The distressed and special situations investor also managed to climb one place this year even though there was no increase in funds raised over the five-year period. Total fundraising dipped slightly to $31.1 billion, thereby illustrating some of the challenges the pandemic is causing for fundraisers. As a distressed investor, Oaktree is likely to be facing a significant period of investment opportunity owing to virus-related dislocation. But many investors have made significant commitments to distressed funds in recent years, which may be dampening demand for more. That said, the firm hit the market this summer with the 11th vintage of its Opportunities Fund series.

9. Lone Star Funds

$30.6bn

Demand for distressed vehicles has slowed as covid-19 drives many of those vehicles towards deployment, and this is reflected in Lone Star’s sharp drop in the rankings. Last year, the firm held fourth place with $39.3 billion raised; now it is in ninth place, with just $30.6 billion raised over the previous five years. Its fall is particularly remarkable as Lone Star has held the top spot three times since 2014 but has now given way to newer players in the private debt space.
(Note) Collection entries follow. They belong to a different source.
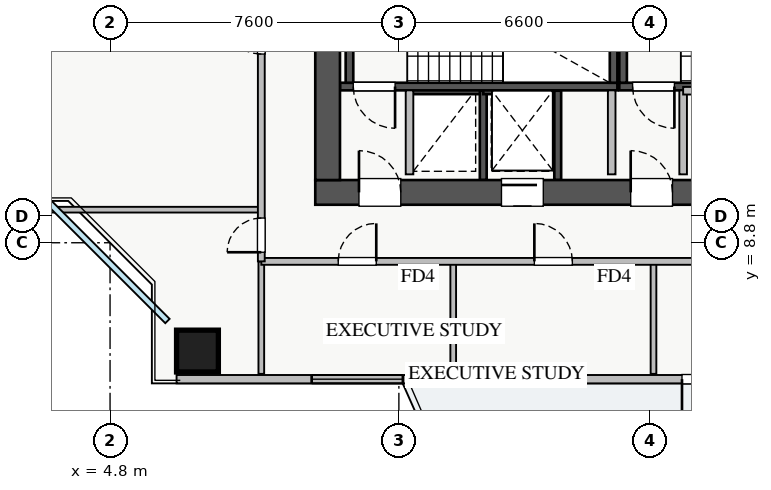
"""IFC4 building model, lengths in metres.
Left out: names, types, materials, properties, quantities, classifications, styles, units other than length and angle.
Written with IfcOpenShell. Run it as: python <this file> out.ifc"""

import sys

from ifc_helpers import new_model, si_unit, direction, frame, frame_2d, origin, origin_2d, place, context, subcontext, project, spatial, rectangle, extrude, source, transform, mapped, element, fill, save


model = new_model("IFC4")
c1 = context("Model", 3, precision=1e-05, world=origin(), true_north=direction((0.0, 1.0)))
c2 = subcontext(c1, "Body", "Model", "MODEL_VIEW")
j1 = project(units=[si_unit("LENGTHUNIT", "METRE"), si_unit("PLANEANGLEUNIT", "RADIAN")], contexts=[c1])
p1 = place(None, origin())
s1 = spatial("IfcSite", under=j1, at=p1, CompositionType="ELEMENT")
p2 = place(p1, origin())
s2 = spatial("IfcBuilding", under=s1, at=p2, CompositionType="ELEMENT")
p3 = place(p2, frame((0.0, 0.0, 110.0)))
s3 = spatial("IfcBuildingStorey", under=s2, at=p3, CompositionType="ELEMENT", Elevation=110.0)
p4 = place(p3, frame((12.68, 12.8, 0.0), z_axis=(0.0, 0.0, 1.0), x_axis=(1.0, 0.0, 0.0)))
e1 = element("IfcWall", 1, at=p4, inside=s3, PredefinedType="SHEAR", context=c2, shape_type="SweptSolid", body=[
    extrude(rectangle(XDim=1.94, YDim=0.18, at=frame_2d((0.97, 0.0))), origin(), (0.0, 0.0, 1.0), 3.07),
])
p5 = place(p3, frame((14.62, 10.45, 0.0), z_axis=(0.0, 0.0, 1.0), x_axis=(0.0, 1.0, 0.0)))
e2 = element("IfcWall", 2, at=p5, inside=s3, PredefinedType="SHEAR", context=c2, shape_type="SweptSolid", body=[
    extrude(rectangle(XDim=2.35, YDim=0.18, at=frame_2d((1.175, 0.0))), origin(), (0.0, 0.0, 1.0), 3.07),
])
p6 = place(p3, frame((14.62, 12.8, 0.0), z_axis=(0.0, 0.0, 1.0), x_axis=(1.0, 0.0, 0.0)))
e3 = element("IfcWall", 3, at=p6, inside=s3, PredefinedType="SHEAR", context=c2, shape_type="SweptSolid", body=[
    extrude(rectangle(XDim=1.96, YDim=0.18, at=frame_2d((0.98, 0.0))), origin(), (0.0, 0.0, 1.0), 3.07),
])
p7 = place(p3, frame((16.58, 10.45, 0.0), z_axis=(0.0, 0.0, 1.0), x_axis=(0.0, 1.0, 0.0)))
e4 = element("IfcWall", 4, at=p7, inside=s3, PredefinedType="SHEAR", context=c2, shape_type="SweptSolid", body=[
    extrude(rectangle(XDim=2.35, YDim=0.18, at=frame_2d((1.175, 0.0))), origin(), (0.0, 0.0, 1.0), 3.07),
])
p8 = place(p3, frame((10.85, 12.91, 0.0), z_axis=(0.0, 0.0, 1.0), x_axis=(1.0, 0.0, 0.0)))
e5 = element("IfcWall", 5, at=p8, inside=s3, PredefinedType="SHEAR", context=c2, shape_type="SweptSolid", body=[
    extrude(rectangle(XDim=7.3, YDim=0.2, at=frame_2d((3.65, 0.0))), origin(), (0.0, 0.0, 1.0), 3.25),
])
p9 = place(p8, frame((0.35, 0.0, 0.0)))
e6 = element("IfcOpeningElement", 6, at=p9, cuts=e5, PredefinedType="OPENING", context=c2, shape_type="SweptSolid", body=[
    extrude(rectangle(XDim=1.1, YDim=2.05, at=frame_2d((0.55, 1.025))), frame((0.0, 0.11, 0.0), z_axis=(0.0, -1.0, 0.0), x_axis=(1.0, 0.0, 0.0)), (0.0, 0.0, 1.0), 0.22),
])
for number, where, z_axis, x_axis in (
    (7, (11.1, 13.01, 0.0), (0.0, 0.0, 1.0), (0.0, 1.0, 0.0)),
    (8, (18.05, 13.01, 0.0), (0.0, 0.0, 1.0), (0.0, 1.0, 0.0)),
):
    element("IfcWall", number, at=place(p3, frame(where, z_axis=z_axis, x_axis=x_axis)), inside=s3, PredefinedType="SHEAR", context=c2, shape_type="SweptSolid", body=[
        extrude(rectangle(XDim=2.94, YDim=0.2, at=frame_2d((1.47, 0.0))), origin(), (0.0, 0.0, 1.0), 3.25),
    ])
p10 = place(p3, frame((18.2, 12.91, 0.0), z_axis=(0.0, 0.0, 1.0), x_axis=(1.0, 0.0, 0.0)))
e9 = element("IfcWall", 9, at=p10, inside=s3, PredefinedType="SHEAR", context=c2, shape_type="SweptSolid", body=[
    extrude(rectangle(XDim=7.15, YDim=0.2, at=frame_2d((3.575, 0.0))), origin(), (0.0, 0.0, 1.0), 3.25),
])
p11 = place(p10, frame((0.35, 0.0, 0.0)))
e10 = element("IfcOpeningElement", 10, at=p11, cuts=e9, PredefinedType="OPENING", context=c2, shape_type="SweptSolid", body=[
    extrude(rectangle(XDim=1.1, YDim=2.05, at=frame_2d((0.55, 1.025))), frame((0.0, 0.11, 0.0), z_axis=(0.0, -1.0, 0.0), x_axis=(1.0, 0.0, 0.0)), (0.0, 0.0, 1.0), 0.22),
])
p12 = place(p3, frame((18.3, 13.01, 0.0), z_axis=(0.0, 0.0, 1.0), x_axis=(0.0, 1.0, 0.0)))
e11 = element("IfcWall", 11, at=p12, inside=s3, PredefinedType="SHEAR", context=c2, shape_type="SweptSolid", body=[
    extrude(rectangle(XDim=2.94, YDim=0.2, at=frame_2d((1.47, 0.0))), origin(), (0.0, 0.0, 1.0), 3.25),
])
p13 = place(p3, frame((10.2, 10.125, 0.0), z_axis=(0.0, 0.0, 1.0), x_axis=(1.0, 0.0, 0.0)))
e12 = element("IfcWall", 12, at=p13, inside=s3, PredefinedType="SHEAR", context=c2, shape_type="SweptSolid", body=[
    extrude(rectangle(XDim=17.6, YDim=0.65, at=frame_2d((8.8, 0.0))), origin(), (0.0, 0.0, 1.0), 3.25),
])
p14 = place(p13, frame((1.15, 0.0, 0.0)))
e13 = element("IfcOpeningElement", 13, at=p14, cuts=e12, PredefinedType="OPENING", context=c2, shape_type="SweptSolid", body=[
    extrude(rectangle(XDim=1.1, YDim=2.05, at=frame_2d((0.55, 1.025))), frame((0.0, 0.335, 0.0), z_axis=(0.0, -1.0, 0.0), x_axis=(1.0, 0.0, 0.0)), (0.0, 0.0, 1.0), 0.67),
])
p15 = place(p13, frame((8.3, 0.0, 0.0)))
e14 = element("IfcOpeningElement", 14, at=p15, cuts=e12, PredefinedType="OPENING", context=c2, shape_type="SweptSolid", body=[
    extrude(rectangle(XDim=1.1, YDim=2.05, at=frame_2d((0.55, 1.025))), frame((0.0, 0.335, 0.0), z_axis=(0.0, -1.0, 0.0), x_axis=(1.0, 0.0, 0.0)), (0.0, 0.0, 1.0), 0.67),
])
p16 = place(p13, frame((4.9, 0.0, 0.0)))
e15 = element("IfcOpeningElement", 15, at=p16, cuts=e12, PredefinedType="OPENING", context=c2, shape_type="SweptSolid", body=[
    extrude(rectangle(XDim=1.1, YDim=2.05, at=frame_2d((0.55, 1.025))), frame((0.0, 0.335, 0.0), z_axis=(0.0, -1.0, 0.0), x_axis=(1.0, 0.0, 0.0)), (0.0, 0.0, 1.0), 0.67),
])
p17 = place(p13, frame((14.74, 0.0, 0.0)))
e16 = element("IfcOpeningElement", 16, at=p17, cuts=e12, PredefinedType="OPENING", context=c2, shape_type="SweptSolid", body=[
    extrude(rectangle(XDim=1.0, YDim=2.05, at=frame_2d((0.5, 1.025))), frame((0.0, 0.335, 0.0), z_axis=(0.0, -1.0, 0.0), x_axis=(1.0, 0.0, 0.0)), (0.0, 0.0, 1.0), 0.67),
])
p18 = place(p13, frame((10.64, 0.0, 0.0)))
e17 = element("IfcOpeningElement", 17, at=p18, cuts=e12, PredefinedType="OPENING", context=c2, shape_type="SweptSolid", body=[
    extrude(rectangle(XDim=1.0, YDim=2.05, at=frame_2d((0.5, 1.025))), frame((0.0, 0.335, 0.0), z_axis=(0.0, -1.0, 0.0), x_axis=(1.0, 0.0, 0.0)), (0.0, 0.0, 1.0), 0.67),
])
p19 = place(p13, frame((13.09, 0.0, 0.0)))
e18 = element("IfcOpeningElement", 18, at=p19, cuts=e12, PredefinedType="OPENING", context=c2, shape_type="SweptSolid", body=[
    extrude(rectangle(XDim=1.0, YDim=2.05, at=frame_2d((0.5, 1.025))), frame((0.0, 0.335, 0.0), z_axis=(0.0, -1.0, 0.0), x_axis=(1.0, 0.0, 0.0)), (0.0, 0.0, 1.0), 0.67),
])
p20 = place(p3, frame((10.525, 10.45, 0.0), z_axis=(0.0, 0.0, 1.0), x_axis=(0.0, 1.0, 0.0)))
e19 = element("IfcWall", 19, at=p20, inside=s3, PredefinedType="SHEAR", context=c2, shape_type="SweptSolid", body=[
    extrude(rectangle(XDim=5.9, YDim=0.65, at=frame_2d((2.95, 0.0))), origin(), (0.0, 0.0, 1.0), 3.25),
])
m1 = source(origin(), c2, "Body", "SweptSolid", [
    extrude(rectangle(XDim=1.1, YDim=1.1, at=origin_2d()), origin(), (0.0, 0.0, 1.0), 3.25),
])
p21 = place(p3, frame((7.1, 5.95, 0.0), z_axis=(0.0, 0.0, 1.0), x_axis=(1.0, 0.0, 0.0)))
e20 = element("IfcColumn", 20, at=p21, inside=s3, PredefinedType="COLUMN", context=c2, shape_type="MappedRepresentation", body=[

Last year, the firm raised its largest ever vehicle, Lone Star Fund XI, with $8.2 billion of commitments, which means it could certainly regain its place at the top with future fundraises.

10. Cerberus Capital Management

$28.5bn

Cerberus holds on to 10th place this year with $28.5 billion raised, a modest increase on last year’s $26.2 billion but not enough to push the firm further up the ranking. Cerberus is raising a number of different debt vehicles including its Loan Opportunities Fund IV, a residential property loan fund, and Corporate Credit Solutions Fund II, which it launched this year. The firm could be one to watch in the future. It has already rapidly climbed up the ranking from below 20th place in 2016 and offers a diverse range of strategies that are expected to perform well next year, including special situations and non-performing loans.